Alarming surges in coronavirus cases across the US south and west have raised fears the outbreak is spiralling out of control.
Concerns are deepening that hard-won progress against the disease is slipping away because of resistance among many Americans to wearing masks and keeping their distance from others.
It comes as Donald Trump said on Monday the US had done “too good a job” on Covid-19 testing, even as his staff insisted the president was joking when he said on the weekend he had instructed aides to “slow the testing down, please”.
Confirming predictions the easing of state lockdowns in the past six weeks would lead to a comeback by the virus, cases have surpassed 100,000 in Florida, hospital admissions are rising dramatically in Houston and Georgia, and a startling one in five of those tested in Arizona are proving to be infected.
Over the weekend, the virus seemed to be everywhere at once: Several campaign staff members who helped set up President Donald Trump’s rally in Tulsa, Oklahoma, tested positive, as did 23 Clemson University football players in South Carolina. Meatpacking plants were also hit with outbreaks.
“It is snowballing. We will most certainly see more people die as a result of this spike,” said Dr Marc Boom, CEO and president of Houston Methodist Hospital, noting the number of Covid-19 hospital admissions had tripled since May 25, to more than 1,400 in the Houston metropolitan area.
He warned hospitals could be overwhelmed in three weeks, and he pleaded with people to cover their faces and practice social distancing.
Texas is among a number of states — including Arizona, Alabama, Florida and South Carolina — whose governors have resisted statewide mask requirements, leaving the matter to local authorities.
The number of new coronavirus cases across the country per day has reached more than 26,000, up from about 21,000 two weeks ago, according to an Associated Press analysis of data compiled by Johns Hopkins University. More than 120,000 deaths in the US have been blamed on the virus, the highest toll in the world.
In Georgia, the number of people admitted to hospital with Covid-19 rose to 1,000, erasing a month’s worth of progress.
Infections are at their highest level since the outbreak began, nearly two months after Georgia began lifting restrictions on businesses. Governor Brian Kemp has required face coverings by waiters, barbers and others working face-to-face with customers but has largely let businesses decide whether customers must wear masks.
In Orlando, Florida, 152 coronavirus cases were linked to one bar near the University of Central Florida campus, said Dr Raul Pino, a state health officer in the tourism city.
“A lot of transmission happened there,” Dr Pino said. “People are very close. People are not wearing masks. People are drinking, shouting, dancing, sweating, kissing and hugging, all the things that happen in bars. And all those things that happen are not good for Covid-19.”
In Florida, governor Ron DeSantis has not signalled any retreat from reopening the state after three months of shutdowns that have damaged the economy.
In Louisiana, however, governor John Bel Edwards extended restrictions on businesses because of a troubling upswing in cases. Louisiana has recorded more than 3,000 deaths.
“There are a lot of people out there saying they are done with this virus.
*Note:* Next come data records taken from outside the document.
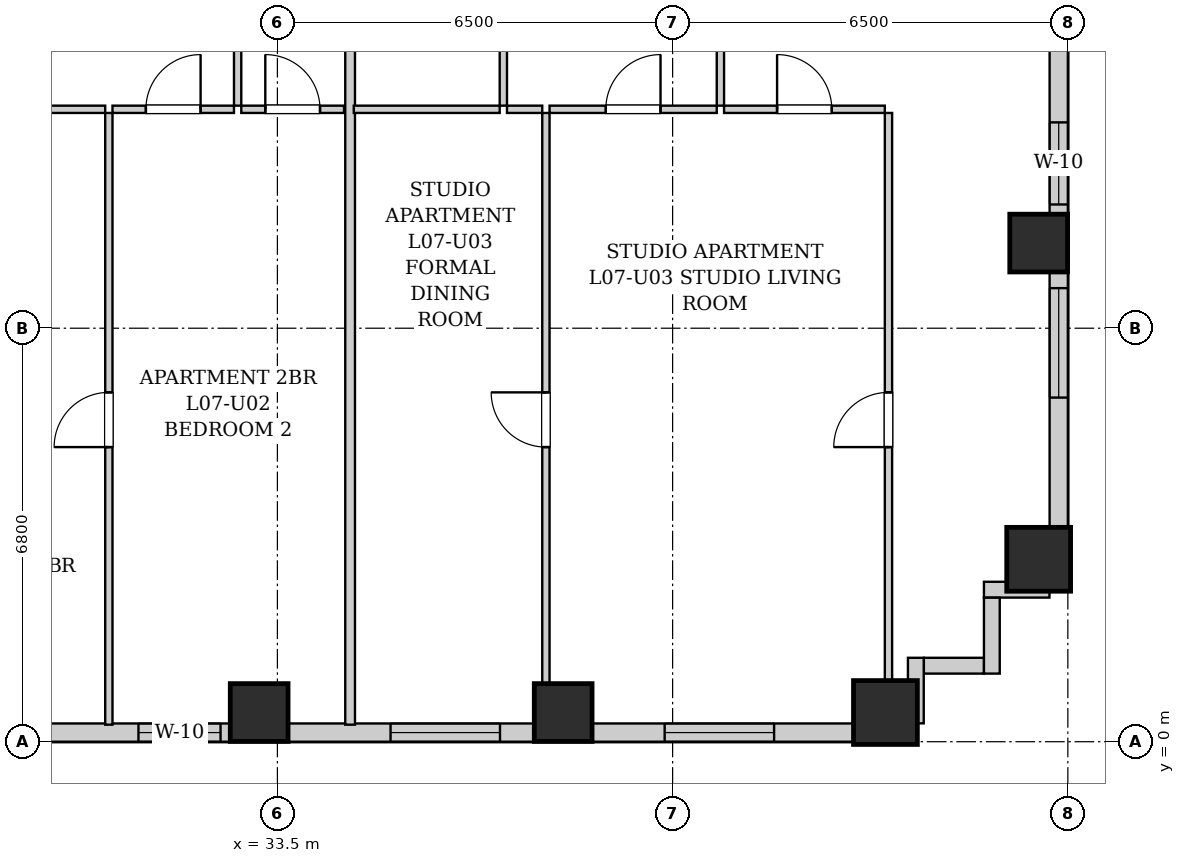
"""IFC4 building model, lengths in metres.
Left out: names, types, materials, properties, quantities, classifications, styles, units other than length and angle.
Written with IfcOpenShell. Run it as: python <this file> out.ifc"""

import sys

from ifc_helpers import new_model, si_unit, direction, frame, frame_2d, origin, origin_2d, place, context, subcontext, project, spatial, rectangle, extrude, element, fill, save


model = new_model("IFC4")
c1 = context("Model", 3, precision=1e-05, world=origin(), true_north=direction((0.0, 1.0)))
c2 = subcontext(c1, "Body", "Model", "MODEL_VIEW")
j1 = project(units=[si_unit("LENGTHUNIT", "METRE"), si_unit("PLANEANGLEUNIT", "RADIAN")], contexts=[c1])
p1 = place(None, origin())
s1 = spatial("IfcSite", under=j1, at=p1, CompositionType="ELEMENT")
p2 = place(p1, origin())
s2 = spatial("IfcBuilding", under=s1, at=p2, CompositionType="ELEMENT")
p3 = place(p2, frame((0.0, 0.0, 32.2)))
s3 = spatial("IfcBuildingStorey", under=s2, at=p3, CompositionType="ELEMENT", Elevation=32.2)
for number, where, z_axis, x_axis in (
    (1, (33.2, 0.48, 0.0), (0.0, 0.0, 1.0), (1.0, 0.0, 0.0)),
    (2, (38.2, 0.48, 0.0), (0.0, 0.0, 1.0), (1.0, 0.0, 0.0)),
):
    element("IfcColumn", number, at=place(p3, frame(where, z_axis=z_axis, x_axis=x_axis)), inside=s3, PredefinedType="COLUMN", context=c2, shape_type="SweptSolid", body=[
        extrude(rectangle(XDim=0.95, YDim=0.95, at=origin_2d()), origin(), (0.0, 0.0, 1.0), 3.2),
    ])
for number, where, z_axis, x_axis in (
    (3, (43.5, 0.48, 0.0), (0.0, 0.0, 1.0), (1.0, 0.0, 0.0)),
    (4, (46.02, 3.0, 0.0), (0.0, 0.0, 1.0), (1.0, 0.0, 0.0)),
):
    element("IfcColumn", number, at=place(p3, frame(where, z_axis=z_axis, x_axis=x_axis)), inside=s3, PredefinedType="COLUMN", context=c2, shape_type="SweptSolid", body=[
        extrude(rectangle(XDim=1.05, YDim=1.05, at=origin_2d()), origin(), (0.0, 0.0, 1.0), 3.2),
    ])
p4 = place(p3, frame((46.02, 8.2, 0.0), z_axis=(0.0, 0.0, 1.0), x_axis=(1.0, 0.0, 0.0)))
e5 = element("IfcColumn", 5, at=p4, inside=s3, PredefinedType="COLUMN", context=c2, shape_type="SweptSolid", body=[
    extrude(rectangle(XDim=0.95, YDim=0.95, at=origin_2d()), origin(), (0.0, 0.0, 1.0), 3.2),
])
p5 = place(p3, frame((46.35, 24.6, 0.0), z_axis=(0.0, 0.0, 1.0), x_axis=(0.0, -1.0, 0.0)))
e6 = element("IfcWall", 6, at=p5, inside=s3, PredefinedType="SOLIDWALL", context=c2, shape_type="SweptSolid", body=[
    extrude(rectangle(XDim=22.1, YDim=0.3, at=frame_2d((11.05, 0.0))), origin(), (0.0, 0.0, 1.0), 1.975),
])
p6 = place(p5, frame((17.141, 0.0, 0.55)))
e7 = element("IfcOpeningElement", 7, at=p6, cuts=e6, PredefinedType="OPENING", context=c2, shape_type="SweptSolid", body=[
    extrude(rectangle(XDim=1.8, YDim=1.2, at=frame_2d((0.9, 0.6))), frame((0.0, 0.16, 0.0), z_axis=(0.0, -1.0, 0.0), x_axis=(1.0, 0.0, 0.0)), (0.0, 0.0, 1.0), 0.32),
])
p7 = place(p5, frame((14.415, 0.0, 0.55)))
e8 = element("IfcOpeningElement", 8, at=p7, cuts=e6, PredefinedType="OPENING", context=c2, shape_type="SweptSolid", body=[
    extrude(rectangle(XDim=1.35, YDim=1.2, at=frame_2d((0.675, 0.6))), frame((0.0, 0.16, 0.0), z_axis=(0.0, -1.0, 0.0), x_axis=(1.0, 0.0, 0.0)), (0.0, 0.0, 1.0), 0.32),
])
p8 = place(p5, frame((5.1, 0.0, 0.55)))
e9 = element("IfcOpeningElement", 9, at=p8, cuts=e6, PredefinedType="OPENING", context=c2, shape_type="SweptSolid", body=[
    extrude(rectangle(XDim=1.8, YDim=1.2, at=frame_2d((0.9, 0.6))), frame((0.0, 0.16, 0.0), z_axis=(0.0, -1.0, 0.0), x_axis=(1.0, 0.0, 0.0)), (0.0, 0.0, 1.0), 0.32),
])
p9 = place(p5, frame((7.16, 0.0, 0.55)))
e10 = element("IfcOpeningElement", 10, at=p9, cuts=e6, PredefinedType="OPENING", context=c2, shape_type="SweptSolid", body=[
    extrude(rectangle(XDim=1.35, YDim=1.2, at=frame_2d((0.675, 0.6))), frame((0.0, 0.16, 0.0), z_axis=(0.0, -1.0, 0.0), x_axis=(1.0, 0.0, 0.0)), (0.0, 0.0, 1.0), 0.32),
])
p10 = place(p3, frame((44.0, 0.15, 0.0), z_axis=(0.0, 0.0, 1.0), x_axis=(-1.0, 0.0, 0.0)))
e11 = element("IfcWall", 11, at=p10, inside=s3, PredefinedType="SOLIDWALL", context=c2, shape_type="SweptSolid", body=[
    extrude(rectangle(XDim=26.9, YDim=0.3, at=frame_2d((13.45, 0.0))), origin(), (0.0, 0.0, 1.0), 1.975),
])
p11 = place(p10, frame((22.544, 0.0, 0.55)))
e12 = element("IfcOpeningElement", 12, at=p11, cuts=e11, PredefinedType="OPENING", context=c2, shape_type="SweptSolid", body=[
    extrude(rectangle(XDim=1.8, YDim=1.2, at=frame_2d((0.9, 0.6))), frame((0.0, 0.16, 0.0), z_axis=(0.0, -1.0, 0.0), x_axis=(1.0, 0.0, 0.0)), (0.0, 0.0, 1.0), 0.32),
])
p12 = place(p10, frame((14.353, 0.0, 0.55)))
e13 = element("IfcOpeningElement", 13, at=p12, cuts=e11, PredefinedType="OPENING", context=c2, shape_type="SweptSolid", body=[
    extrude(rectangle(XDim=1.8, YDim=1.2, at=frame_2d((0.9, 0.6))), frame((0.0, 0.16, 0.0), z_axis=(0.0, -1.0, 0.0), x_axis=(1.0, 0.0, 0.0)), (0.0, 0.0, 1.0), 0.32),
])
p13 = place(p10, frame((11.435, 0.0, 0.55)))
e14 = element("IfcOpeningElement", 14, at=p13, cuts=e11, PredefinedType="OPENING", context=c2, shape_type="SweptSolid", body=[
    extrude(rectangle(XDim=1.35, YDim=1.2, at=frame_2d((0.675, 0.6))), frame((0.0, 0.16, 0.0), z_axis=(0.0, -1.0, 0.0), x_axis=(1.0, 0.0, 0.0)), (0.0, 0.0, 1.0), 0.32),
])
p14 = place(p10, frame((6.839, 0.0, 0.55)))
e15 = element("IfcOpeningElement", 15, at=p14, cuts=e11, PredefinedType="OPENING", context=c2, shape_type="SweptSolid", body=[
    extrude(rectangle(XDim=1.8, YDim=1.2, at=frame_2d((0.9, 0.6))), frame((0.0, 0.16, 0.0), z_axis=(0.0, -1.0, 0.0), x_axis=(1.0, 0.0, 0.0)), (0.0, 0.0, 1.0), 0.32),
])
p15 = place(p10, frame((2.331, 0.0, 0.55)))
e16 = element("IfcOpeningElement", 16, at=p15, cuts=e11, PredefinedType="OPENING", context=c2, shape_type="SweptSolid", body=[
    extrude(rectangle(XDim=1.8, YDim=1.2, at=frame_2d((0.9, 0.6))), frame((0.0, 0.16, 0.0), z_axis=(0.0, -1.0, 0.0), x_axis=(1.0, 0.0, 0.0)), (0.0, 0.0, 1.0), 0.32),
])
p16 = place(p3, frame((46.198, 2.5, 0.0), z_axis=(0.0, 0.0, 1.0), x_axis=(-1.0, 0.0, 0.0)))
e17 = element("IfcWall", 17, at=p16, inside=s3, PredefinedType="SOLIDWALL", context=c2, shape_type="SweptSolid", body=[
    extrude(rectangle(XDim=1.078, YDim=0.26, at=frame_2d((0.539, 0.0))), origin(), (0.0, 0.0, 1.0), 2.94),
])
p17 = place(p3, frame((45.25, 2.368, 0.0), z_axis=(0.0, 0.0, 1.0), x_axis=(0.0, -1.0, 0.0)))
e18 = element("IfcWall", 18, at=p17, inside=s3, PredefinedType="SOLIDWALL", context=c2, shape_type="SweptSolid", body=[
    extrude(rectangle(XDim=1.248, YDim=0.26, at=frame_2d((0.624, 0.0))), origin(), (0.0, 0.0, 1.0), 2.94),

Well, the virus isn’t done with us,” Mr Edwards said.
Countries such as Brazil, India and Pakistan are also seeing surging cases.
Dr Michael Ryan, the World Health Organisation’s emergencies chief, said the outbreak was “definitely accelerating” in the US and some other countries, dismissing the notion that the record-breaking daily levels of new cases simply reflected more testing.
“The epidemic is now peaking or moving towards a peak in a number of large countries,” he warned.
This clashes with what Mr Trump said again in a tweet on Monday that testing in the US “makes us look like we have more cases”.
In the US, Arizona, in particular, is seeing disturbing trends, including the percentage of tests that prove positive for the virus. Arizona’s is the highest in the nation, at more than 20%, well above the national average of 8.4% and the 10% level that public health officials regard as problematic.
Meanwhile, asked in a TV interview on Monday if he did indeed tell aides to “slow it down” on testing, Mr Trump did not directly answer but replied: “If it did slow down, frankly, I think we’re way ahead of ourselves.”
“We’ve done too good a job,” he added, saying again the reason the US had more coronavirus cases was that it did more testing.
White House press secretary Kayleigh McEnany said any suggestion testing had been curtailed was not rooted in fact, saying Mr Trump made the slow-it-down comment “in jest.”